In the Footsteps of the Valiant (Volume Two)

We have just finished publishing my new book “In the Footsteps of the Valiant”. This is the second book of five, and tells about some more of the High School’s long forgotten casualties in World War II. Here is the front cover, with the shorter title and nine new pictures to look at:

And here is the blurb from the back cover:

“This is the second of five books commemorating the ultimate sacrifice made by the brightest young men of Nottingham in the Second World War. After six years of ground-breaking research, John Knifton has uncovered over 100 forgotten war heroes, men who served their country in countless ways. All of them had one thing in common: they spent their boyhood years at Nottingham High School.

This book does not glorify the deaths of these men; but instead builds a monument to the unfinished lives they sacrificed for our freedom today. John Knifton conjures up the ghost of these men’s forgotten lives: their childhoods, families, homes, neighbourhoods, and the loved ones they left behind. You will discover their boyhood hobbies and their sporting triumphs, where they worked as young adults and the jobs they had.
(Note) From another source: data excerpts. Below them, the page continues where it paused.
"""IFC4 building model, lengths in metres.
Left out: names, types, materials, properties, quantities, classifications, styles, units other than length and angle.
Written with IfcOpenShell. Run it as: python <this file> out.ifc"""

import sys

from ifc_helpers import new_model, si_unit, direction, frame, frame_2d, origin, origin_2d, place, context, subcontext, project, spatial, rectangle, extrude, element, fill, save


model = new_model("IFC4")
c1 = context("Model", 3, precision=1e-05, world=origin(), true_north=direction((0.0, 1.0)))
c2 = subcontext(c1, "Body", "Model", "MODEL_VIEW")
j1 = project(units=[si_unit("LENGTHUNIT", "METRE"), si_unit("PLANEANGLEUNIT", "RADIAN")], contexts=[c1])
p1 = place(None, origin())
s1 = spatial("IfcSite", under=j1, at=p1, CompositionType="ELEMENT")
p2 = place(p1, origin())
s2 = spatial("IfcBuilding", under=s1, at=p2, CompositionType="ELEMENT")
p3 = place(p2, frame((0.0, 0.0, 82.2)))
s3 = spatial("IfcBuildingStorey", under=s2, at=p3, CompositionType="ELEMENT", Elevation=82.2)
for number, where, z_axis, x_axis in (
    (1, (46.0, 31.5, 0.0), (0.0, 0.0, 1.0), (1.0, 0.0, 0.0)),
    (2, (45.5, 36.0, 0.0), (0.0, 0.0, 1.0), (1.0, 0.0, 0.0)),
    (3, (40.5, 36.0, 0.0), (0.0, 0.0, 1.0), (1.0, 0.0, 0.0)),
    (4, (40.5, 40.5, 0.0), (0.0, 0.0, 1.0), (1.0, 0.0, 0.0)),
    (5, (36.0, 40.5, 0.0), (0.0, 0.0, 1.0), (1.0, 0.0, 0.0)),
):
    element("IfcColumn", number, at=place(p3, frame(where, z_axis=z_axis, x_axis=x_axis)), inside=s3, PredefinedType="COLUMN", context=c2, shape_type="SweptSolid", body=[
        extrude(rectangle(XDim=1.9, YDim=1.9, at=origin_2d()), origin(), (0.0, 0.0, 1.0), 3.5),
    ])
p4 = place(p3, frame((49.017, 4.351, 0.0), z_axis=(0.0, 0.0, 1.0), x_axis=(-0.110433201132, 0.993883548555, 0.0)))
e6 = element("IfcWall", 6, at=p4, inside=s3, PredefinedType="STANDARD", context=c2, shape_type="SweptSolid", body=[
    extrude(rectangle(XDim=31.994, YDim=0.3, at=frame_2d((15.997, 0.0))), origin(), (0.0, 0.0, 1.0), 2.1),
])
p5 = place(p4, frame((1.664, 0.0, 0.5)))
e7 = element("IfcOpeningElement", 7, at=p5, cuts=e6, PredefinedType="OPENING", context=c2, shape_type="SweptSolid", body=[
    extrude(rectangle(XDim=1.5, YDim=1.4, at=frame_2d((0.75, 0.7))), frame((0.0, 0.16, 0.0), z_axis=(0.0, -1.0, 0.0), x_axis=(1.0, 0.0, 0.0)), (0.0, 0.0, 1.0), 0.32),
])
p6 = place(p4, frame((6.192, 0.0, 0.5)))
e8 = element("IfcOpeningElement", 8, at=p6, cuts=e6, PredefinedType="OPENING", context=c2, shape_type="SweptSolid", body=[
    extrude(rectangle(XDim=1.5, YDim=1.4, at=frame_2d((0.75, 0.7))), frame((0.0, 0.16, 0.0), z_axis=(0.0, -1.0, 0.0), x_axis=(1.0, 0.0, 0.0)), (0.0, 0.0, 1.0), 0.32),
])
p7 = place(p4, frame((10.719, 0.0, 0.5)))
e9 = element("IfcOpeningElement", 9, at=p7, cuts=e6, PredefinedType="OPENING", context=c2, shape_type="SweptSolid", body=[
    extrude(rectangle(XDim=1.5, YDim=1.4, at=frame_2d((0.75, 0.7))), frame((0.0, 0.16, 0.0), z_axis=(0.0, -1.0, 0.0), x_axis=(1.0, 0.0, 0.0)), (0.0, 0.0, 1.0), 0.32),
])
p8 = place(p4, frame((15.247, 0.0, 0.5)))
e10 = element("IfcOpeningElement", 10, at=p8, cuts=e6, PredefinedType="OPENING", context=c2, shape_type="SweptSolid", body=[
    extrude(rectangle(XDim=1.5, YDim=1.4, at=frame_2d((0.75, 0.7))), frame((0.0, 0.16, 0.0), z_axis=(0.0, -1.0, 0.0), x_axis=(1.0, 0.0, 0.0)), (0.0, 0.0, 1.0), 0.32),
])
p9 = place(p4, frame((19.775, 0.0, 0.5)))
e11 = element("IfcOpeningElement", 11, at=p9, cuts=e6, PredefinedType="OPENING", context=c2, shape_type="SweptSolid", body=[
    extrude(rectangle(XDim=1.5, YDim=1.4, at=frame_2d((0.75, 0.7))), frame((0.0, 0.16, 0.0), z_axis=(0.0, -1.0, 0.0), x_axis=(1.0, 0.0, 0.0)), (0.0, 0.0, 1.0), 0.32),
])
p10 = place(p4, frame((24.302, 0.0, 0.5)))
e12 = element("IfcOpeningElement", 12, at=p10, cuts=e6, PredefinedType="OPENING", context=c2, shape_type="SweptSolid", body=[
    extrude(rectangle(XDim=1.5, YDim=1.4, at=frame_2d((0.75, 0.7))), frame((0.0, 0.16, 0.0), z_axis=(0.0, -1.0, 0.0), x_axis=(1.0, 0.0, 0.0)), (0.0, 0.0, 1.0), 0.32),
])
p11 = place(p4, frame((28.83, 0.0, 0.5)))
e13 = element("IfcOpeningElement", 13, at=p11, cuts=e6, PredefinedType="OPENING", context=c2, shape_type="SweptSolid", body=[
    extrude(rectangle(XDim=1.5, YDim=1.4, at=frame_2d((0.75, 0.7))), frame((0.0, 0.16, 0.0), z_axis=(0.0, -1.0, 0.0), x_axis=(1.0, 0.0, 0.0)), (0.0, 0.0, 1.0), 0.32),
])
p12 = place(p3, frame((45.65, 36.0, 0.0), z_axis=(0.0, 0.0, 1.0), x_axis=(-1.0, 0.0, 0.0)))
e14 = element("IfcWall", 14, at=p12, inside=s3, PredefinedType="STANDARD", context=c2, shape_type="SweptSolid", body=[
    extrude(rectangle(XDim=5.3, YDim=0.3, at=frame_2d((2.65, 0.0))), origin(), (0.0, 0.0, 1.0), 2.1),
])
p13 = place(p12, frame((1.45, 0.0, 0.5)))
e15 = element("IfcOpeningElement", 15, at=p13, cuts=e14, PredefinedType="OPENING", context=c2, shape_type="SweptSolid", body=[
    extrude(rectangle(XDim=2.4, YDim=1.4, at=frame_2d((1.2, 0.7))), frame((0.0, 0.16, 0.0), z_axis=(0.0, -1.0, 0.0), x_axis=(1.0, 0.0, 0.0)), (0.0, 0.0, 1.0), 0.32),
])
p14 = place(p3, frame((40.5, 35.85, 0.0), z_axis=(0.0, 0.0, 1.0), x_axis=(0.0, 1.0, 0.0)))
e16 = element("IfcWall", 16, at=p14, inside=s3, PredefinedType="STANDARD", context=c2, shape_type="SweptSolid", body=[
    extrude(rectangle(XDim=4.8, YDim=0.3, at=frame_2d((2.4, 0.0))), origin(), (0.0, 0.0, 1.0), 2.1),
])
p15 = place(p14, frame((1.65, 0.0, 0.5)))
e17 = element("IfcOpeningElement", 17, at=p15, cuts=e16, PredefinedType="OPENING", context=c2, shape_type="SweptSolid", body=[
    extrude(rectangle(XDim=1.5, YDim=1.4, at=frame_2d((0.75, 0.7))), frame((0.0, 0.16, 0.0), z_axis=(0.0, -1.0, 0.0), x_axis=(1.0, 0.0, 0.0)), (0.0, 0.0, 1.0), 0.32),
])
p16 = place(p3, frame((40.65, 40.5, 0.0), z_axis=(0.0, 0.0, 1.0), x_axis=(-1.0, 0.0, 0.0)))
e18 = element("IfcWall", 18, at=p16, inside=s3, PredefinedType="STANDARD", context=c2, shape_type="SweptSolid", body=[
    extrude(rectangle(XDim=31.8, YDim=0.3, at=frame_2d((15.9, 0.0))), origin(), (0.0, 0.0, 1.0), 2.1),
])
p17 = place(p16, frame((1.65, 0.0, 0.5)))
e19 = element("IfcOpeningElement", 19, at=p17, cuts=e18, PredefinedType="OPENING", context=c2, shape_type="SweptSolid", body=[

Most of all, you will find all the previously unknown details of the conflicts they fought in and how they met their untimely ends.

John Knifton’s project puts the humanity back into history, set against the backdrop of the Nottingham of yesteryear. No tale untold. No anecdote ignored.”

This book is now available for purchase through Lulu.com:

https://www.lulu.com/en/us/shop/john-knifton/in-the-footsteps-of-the-valiant-the-lives-and-deaths-of-the-forgotten-heroes-of-nottingham-high-school-volume-two/paperback/product-176j6pwm.html

The book has 332 pages and is “Crown Quarto”, that is to say, 189 mms x 246 mm (7.44 inches x 9.68 inches). The book contains just under 150,000 words and can therefore be compared with books such as “Sense and Sensibility”(119K), “A Tale of Two Cities”(135K) “The Return of the King”(137K), 20,000 Leagues under the Sea” (138K), “Oliver Twist” (156K) and “The Two Towers” (156K).

It tells the tale of 26 Old Nottinghamians, including, as in Volume 1, a young man who died shortly after the end of the war. In this case, he was called Patrick Russell Ward. He was killed during RAF service in the 1950s and deserves to be remembered.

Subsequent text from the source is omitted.